# Miscellaneous Herp Interests > Invertebrates >  crickets are annoying me!!!

## mark and marley

ok i just got a pair of emperor scorpions.two for the price of one hecks yes ill take two.break it up dont make me go in there!!!
i got a dozen crickets in a ventilated tupperware bowl with lid.all they do is make their stupid sounds!can i put them in the garage or my dark walkin closet storage room where i dont have to hear them?the garage can easily reach 90degrees and my closet storage is dark 24/7.

----------


## hongkongluna

FROM THIS CARESHEET: http://www.nyworms.com/ccare.htm

Temperature

Crickets thrive at temperatures higher than those in the average house. They prefer 80-90 degrees F. (26-32 degrees C.), however they seem to live longer at somewhat lower temperatures - something to keep in mind if you want to keep an excess of crickets alive as long as possible.

Smaller crickets require warmer temperatures. Pinheads do best at 88-92 degrees F., with 1/2 to 3/4 inch doing best at 80-92 degrees F. and adults at 75-85 degrees F.

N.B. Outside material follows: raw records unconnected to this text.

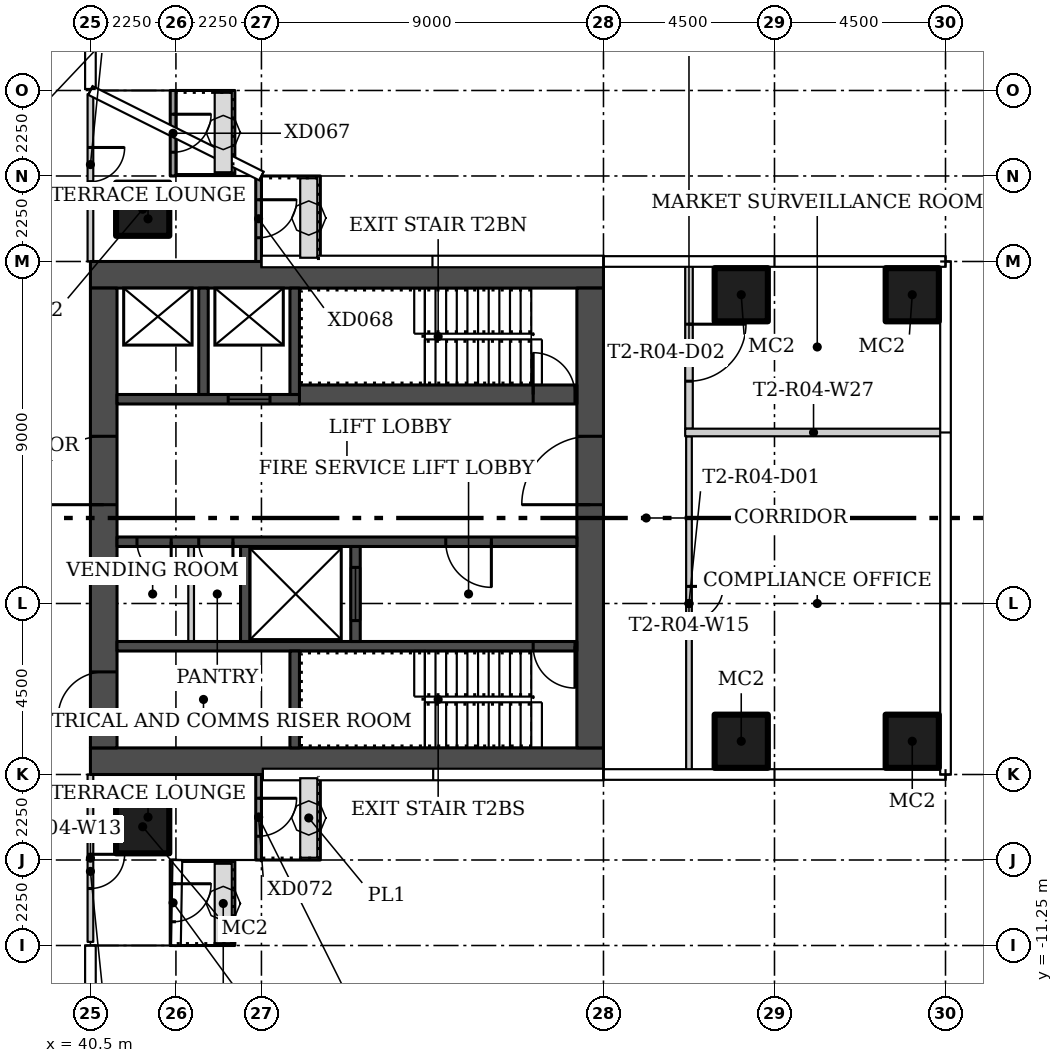
"""IFC4 building model, lengths in metres.
Left out: names, types, materials, properties, quantities, classifications, styles, units other than length and angle.
Written with IfcOpenShell. Run it as: python <this file> out.ifc"""

import sys

from ifc_helpers import new_model, si_unit, direction, frame, frame_2d, origin, origin_2d, place, context, subcontext, project, spatial, rectangle, hollow_rectangle, extrude, element, fill, save


model = new_model("IFC4")
c1 = context("Model", 3, precision=1e-05, world=origin(), true_north=direction((0.0, 1.0)))
c2 = subcontext(c1, "Body", "Model", "MODEL_VIEW")
j1 = project(units=[si_unit("LENGTHUNIT", "METRE"), si_unit("PLANEANGLEUNIT", "RADIAN")], contexts=[c1])
p1 = place(None, origin())
s1 = spatial("IfcSite", under=j1, at=p1, CompositionType="ELEMENT")
p2 = place(p1, origin())
s2 = spatial("IfcBuilding", under=s1, at=p2, CompositionType="ELEMENT")
p3 = place(p2, frame((0.0, 0.0, 53.7)))
s3 = spatial("IfcBuildingStorey", under=s2, at=p3, CompositionType="ELEMENT", Elevation=53.7)
for number, where in (
    (1, (41.875, 8.125, 0.0)),
    (2, (41.875, -8.125, 0.0)),
    (3, (57.625, -5.875, 0.0)),
    (4, (62.125, -5.875, 0.0)),
    (5, (57.625, 5.875, 0.0)),
    (6, (62.125, 5.875, 0.0)),
):
    element("IfcColumn", number, at=place(p3, frame(where)), inside=s3, PredefinedType="COLUMN", context=c2, shape_type="SweptSolid", body=[
        extrude(hollow_rectangle(XDim=1.4, YDim=1.4, WallThickness=0.05, at=origin_2d()), origin(), (0.0, 0.0, 1.0), 3.55),
    ])
p4 = place(p3, frame((40.5, -6.75, 0.0), z_axis=(0.0, 0.0, 1.0), x_axis=(0.0, -1.0, 0.0)))
e7 = element("IfcWall", 7, at=p4, inside=s3, PredefinedType="PARTITIONING", context=c2, shape_type="SweptSolid", body=[
    extrude(rectangle(XDim=4.405, YDim=0.15, at=frame_2d((2.203, 0.0))), origin(), (0.0, 0.0, 1.0), 3.55),
])
p5 = place(p4, frame((2.1, 0.0, 0.0)))
e8 = element("IfcOpeningElement", 8, at=p5, cuts=e7, PredefinedType="OPENING", context=c2, shape_type="SweptSolid", body=[
    extrude(rectangle(XDim=0.9, YDim=2.1, at=frame_2d((0.45, 1.05))), frame((0.0, 0.085, 0.0), z_axis=(0.0, -1.0, 0.0), x_axis=(1.0, 0.0, 0.0)), (0.0, 0.0, 1.0), 0.17),
])
p6 = place(p3, frame((40.5, 11.155, 0.0), z_axis=(0.0, 0.0, 1.0), x_axis=(0.0, -1.0, 0.0)))
e9 = element("IfcWall", 9, at=p6, inside=s3, PredefinedType="PARTITIONING", context=c2, shape_type="SweptSolid", body=[
    extrude(rectangle(XDim=4.405, YDim=0.15, at=frame_2d((2.203, 0.0))), origin(), (0.0, 0.0, 1.0), 3.55),
])
p7 = place(p6, frame((1.405, 0.0, 0.0)))
e10 = element("IfcOpeningElement", 10, at=p7, cuts=e9, PredefinedType="OPENING", context=c2, shape_type="SweptSolid", body=[
    extrude(rectangle(XDim=0.9, YDim=2.1, at=frame_2d((0.45, 1.05))), frame((0.0, 0.085, 0.0), z_axis=(0.0, -1.0, 0.0), x_axis=(1.0, 0.0, 0.0)), (0.0, 0.0, 1.0), 0.17),
])
p8 = place(p3, frame((56.25, 2.15, 0.0), z_axis=(0.0, 0.0, 1.0), x_axis=(0.0, -1.0, 0.0)))
e11 = element("IfcWall", 11, at=p8, inside=s3, PredefinedType="PARTITIONING", context=c2, shape_type="SweptSolid", body=[
    extrude(rectangle(XDim=8.805, YDim=0.15, at=frame_2d((4.402, 0.0))), origin(), (0.0, 0.0, 1.0), 3.55),
])
p9 = place(p8, frame((3.95, 0.0, 0.0)))
e12 = element("IfcOpeningElement", 12, at=p9, cuts=e11, PredefinedType="OPENING", context=c2, shape_type="SweptSolid", body=[
    extrude(rectangle(XDim=0.9, YDim=2.1, at=frame_2d((0.45, 1.05))), frame((0.0, 0.085, 0.0), z_axis=(0.0, -1.0, 0.0), x_axis=(1.0, 0.0, 0.0)), (0.0, 0.0, 1.0), 0.17),
])
p10 = place(p3, frame((56.25, 6.655, 0.0), z_axis=(0.0, 0.0, 1.0), x_axis=(0.0, -1.0, 0.0)))
e13 = element("IfcWall", 13, at=p10, inside=s3, PredefinedType="PARTITIONING", context=c2, shape_type="SweptSolid", body=[
    extrude(rectangle(XDim=4.305, YDim=0.2, at=frame_2d((2.152, 0.0))), origin(), (0.0, 0.0, 1.0), 3.55),
])
p11 = place(p10, frame((1.555, 0.0, 0.0)))
e14 = element("IfcOpeningElement", 14, at=p11, cuts=e13, PredefinedType="OPENING", context=c2, shape_type="SweptSolid", body=[
    extrude(rectangle(XDim=1.5, YDim=2.1, at=frame_2d((0.75, 1.05))), frame((0.0, 0.11, 0.0), z_axis=(0.0, -1.0, 0.0), x_axis=(1.0, 0.0, 0.0)), (0.0, 0.0, 1.0), 0.22),
])
p12 = place(p3, frame((62.905, 2.25, 0.0), z_axis=(0.0, 0.0, 1.0), x_axis=(-1.0, 0.0, 0.0)))
e15 = element("IfcWall", 15, at=p12, inside=s3, PredefinedType="PARTITIONING", context=c2, shape_type="SweptSolid", body=[
    extrude(rectangle(XDim=6.755, YDim=0.2, at=frame_2d((3.377, 0.0))), origin(), (0.0, 0.0, 1.0), 3.55),
])
p13 = place(p3, frame((42.675, 11.25, 0.0), z_axis=(0.0, 0.0, 1.0), x_axis=(0.0, -1.0, 0.0)))
e16 = element("IfcWall", 16, at=p13, inside=s3, PredefinedType="SOLIDWALL", context=c2, shape_type="SweptSolid", body=[
    extrude(rectangle(XDim=2.25, YDim=0.15, at=frame_2d((1.125, 0.0))), origin(), (0.0, 0.0, 1.0), 3.45),
])
p14 = place(p13, frame((0.625, 0.0, 0.0)))
e17 = element("IfcOpeningElement", 17, at=p14, cuts=e16, PredefinedType="OPENING", context=c2, shape_type="SweptSolid", body=[
    extrude(rectangle(XDim=1.0, YDim=2.4, at=frame_2d((0.5, 1.2))), frame((0.0, 0.085, 0.0), z_axis=(0.0, -1.0, 0.0), x_axis=(1.0, 0.0, 0.0)), (0.0, 0.0, 1.0), 0.17),
])
p15 = place(p3, frame((44.925, 9.0, 0.0), z_axis=(0.0, 0.0, 1.0), x_axis=(0.0, -1.0, 0.0)))
e18 = element("IfcWall", 18, at=p15, inside=s3, PredefinedType="SOLIDWALL", context=c2, shape_type="SweptSolid", body=[
    extrude(rectangle(XDim=2.257, YDim=0.15, at=frame_2d((1.128, 0.0))), origin(), (0.0, 0.0, 1.0), 3.45),
])
p16 = place(p15, frame((0.625, 0.0, 0.0)))
e19 = element("IfcOpeningElement", 19, at=p16, cuts=e18, PredefinedType="OPENING", context=c2, shape_type="SweptSolid", body=[
    extrude(rectangle(XDim=1.0, YDim=2.4, at=frame_2d((0.5, 1.2))), frame((0.0, 0.085, 0.0), z_axis=(0.0, -1.0, 0.0), x_axis=(1.0, 0.0, 0.0)), (0.0, 0.0, 1.0), 0.17),
])
p17 = place(p3, frame((42.675, -9.0, 0.0), z_axis=(0.0, 0.0, 1.0), x_axis=(0.0, -1.0, 0.0)))
e20 = element("IfcWall", 20, at=p17, inside=s3, PredefinedType="SOLIDWALL", context=c2, shape_type="SweptSolid", body=[
    extrude(rectangle(XDim=2.25, YDim=0.15, at=frame_2d((1.125, 0.0))), origin(), (0.0, 0.0, 1.0), 3.45),
])
p18 = place(p17, frame((0.625, 0.0, 0.0)))
e21 = element("IfcOpeningElement", 21, at=p18, cuts=e20, PredefinedType="OPENING", context=c2, shape_type="SweptSolid", body=[
    extrude(rectangle(XDim=1.0, YDim=2.4, at=frame_2d((0.5, 1.2))), frame((0.0, 0.085, 0.0), z_axis=(0.0, -1.0, 0.0), x_axis=(1.0, 0.0, 0.0)), (0.0, 0.0, 1.0), 0.17),
])
p19 = place(p3, frame((44.925, -6.743, 0.0), z_axis=(0.0, 0.0, 1.0), x_axis=(0.0, -1.0, 0.0)))
e22 = element("IfcWall", 22, at=p19, inside=s3, PredefinedType="SOLIDWALL", context=c2, shape_type="SweptSolid", body=[
    extrude(rectangle(XDim=2.257, YDim=0.15, at=frame_2d((1.128, 0.0))), origin(), (0.0, 0.0, 1.0), 3.45),
])
p20 = place(p19, frame((0.632, 0.0, 0.0)))
e23 = element("IfcOpeningElement", 23, at=p20, cuts=e22, PredefinedType="OPENING", context=c2, shape_type="SweptSolid", body=[
    extrude(rectangle(XDim=1.0, YDim=2.4, at=frame_2d((0.5, 1.2))), frame((0.0, 0.085, 0.0), z_axis=(0.0, -1.0, 0.0), x_axis=(1.0, 0.0, 0.0)), (0.0, 0.0, 1.0), 0.17),
])
for number, where, z_axis, x_axis in (
    (24, (54.0, -6.4, 0.0), (0.0, 0.0, 1.0), (-1.0, 0.0, 0.0)),
    (25, (54.0, 6.4, 0.0), (0.0, 0.0, 1.0), (-1.0, 0.0, 0.0)),
):
    element("IfcWall", number, at=place(p3, frame(where, z_axis=z_axis, x_axis=x_axis)), inside=s3, PredefinedType="SHEAR", context=c2, shape_type="SweptSolid", body=[
        extrude(rectangle(XDim=13.5, YDim=0.7, at=frame_2d((6.75, 0.0))), origin(), (0.0, 0.0, 1.0), 3.55),
    ])
p21 = place(p3, frame((53.65, -6.05, 0.0), z_axis=(0.0, 0.0, 1.0), x_axis=(0.0, 1.0, 0.0)))
e26 = element("IfcWall", 26, at=p21, inside=s3, PredefinedType="SHEAR", context=c2, shape_type="SweptSolid", body=[
    extrude(rectangle(XDim=12.1, YDim=0.7, at=frame_2d((6.05, 0.0))), origin(), (0.0, 0.0, 1.0), 3.55),
])
p22 = place(p21, frame((6.4, 0.0, 0.0)))
e27 = element("IfcOpeningElement", 27, at=p22, cuts=e26, PredefinedType="OPENING", context=c2, shape_type="SweptSolid", body=[
    extrude(rectangle(XDim=1.8, YDim=2.4, at=frame_2d((0.9, 1.2))), frame((0.0, 0.36, 0.0), z_axis=(0.0, -1.0, 0.0), x_axis=(1.0, 0.0, 0.0)), (0.0, 0.0, 1.0), 0.72),
])
p23 = place(p3, frame((40.85, -6.05, 0.0), z_axis=(0.0, 0.0, 1.0), x_axis=(0.0, 1.0, 0.0)))
e28 = element("IfcWall", 28, at=p23, inside=s3, PredefinedType="SHEAR", context=c2, shape_type="SweptSolid", body=[
    extrude(rectangle(XDim=12.1, YDim=0.7, at=frame_2d((6.05, 0.0))), origin(), (0.0, 0.0, 1.0), 3.55),
])
p24 = place(p23, frame((0.8, 0.0, 0.0)))
e29 = element("IfcOpeningElement", 29, at=p24, cuts=e28, PredefinedType="OPENING", context=c2, shape_type="SweptSolid", body=[
    extrude(rectangle(XDim=1.2, YDim=2.1, at=frame_2d((0.6, 1.05))), frame((0.0, 0.36, 0.0), z_axis=(0.0, -1.0, 0.0), x_axis=(1.0, 0.0, 0.0)), (0.0, 0.0, 1.0), 0.72),
])
p25 = place(p23, frame((6.4, 0.0, 0.0)))
e30 = element("IfcOpeningElement", 30, at=p25, cuts=e28, PredefinedType="OPENING", context=c2, shape_type="SweptSolid", body=[
    extrude(rectangle(XDim=1.8, YDim=2.4, at=frame_2d((0.9, 1.2))), frame((0.0, 0.36, 0.0), z_axis=(0.0, -1.0, 0.0), x_axis=(1.0, 0.0, 0.0)), (0.0, 0.0, 1.0), 0.72),
])
p26 = place(p3, frame((53.3, -3.375, 0.0), z_axis=(0.0, 0.0, 1.0), x_axis=(-1.0, 0.0, 0.0)))
e31 = element("IfcWall", 31, at=p26, inside=s3, PredefinedType="SHEAR", context=c2, shape_type="SweptSolid", body=[
    extrude(rectangle(XDim=12.1, YDim=0.25, at=frame_2d((6.05, 0.0))), origin(), (0.0, 0.0, 1.0), 3.55),
])
p27 = place(p26, frame((0.05, 0.0, 0.0)))
e32 = element("IfcOpeningElement", 32, at=p27, cuts=e31, PredefinedType="OPENING", context=c2, shape_type="SweptSolid", body=[
    extrude(rectangle(XDim=1.1, YDim=2.1, at=frame_2d((0.55, 1.05))), frame((0.0, 0.135, 0.0), z_axis=(0.0, -1.0, 0.0), x_axis=(1.0, 0.0, 0.0)), (0.0, 0.0, 1.0), 0.27),
])
p28 = place(p3, frame((45.875, -6.05, 0.0), z_axis=(0.0, 0.0, 1.0), x_axis=(0.0, 1.0, 0.0)))
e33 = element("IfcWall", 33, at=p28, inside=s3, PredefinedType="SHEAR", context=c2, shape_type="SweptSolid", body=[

Cricket nymphs (smaller than pinheads) held at 80 degrees F. require up to 60-65 days to mature, while those kept at 90 degrees F. require only 30-35 days to complete their development.

----------

mark and marley (05-27-2011)

----------


## mark and marley

these crickets are adults and id only house 12 at a time.my scorpions should eat 3crickets a week or less.so id have to re up once a month unless they start dying off.sounds like these chirping punks are going in the garage with a piece of lettuce.punks

----------


## mark and marley

ehk garage was 100degrees.they are going in the walk in closet(always dark and a high of 85) with lettuce,dog food,cocofiber,empty paper towel roll,and some water crystals.dang these crickets gotta it made.well until they have to be chosen.
"the claw!the claw"

----------


## Alexandra V

> ehk garage was 100degrees.they are going in the walk in closet(always dark and a high of 85) with lettuce,dog food,cocofiber,empty paper towel roll,and some water crystals.dang these crickets gotta it made.well until they have to be chosen.
> "the claw!the claw"


Hahaha! That's why I only buy my crickets the day before, so I can gutload them and get rid of them. They get nowhere near that deluxe a treatment  :Razz:  They get fluker's gut loader, oats as substrate, some pieces of egg carton and a little cap full of the water gel. Then it's off to the plastic cone of death and Shelob's (or Thor's) merciless jaws  :Razz:

----------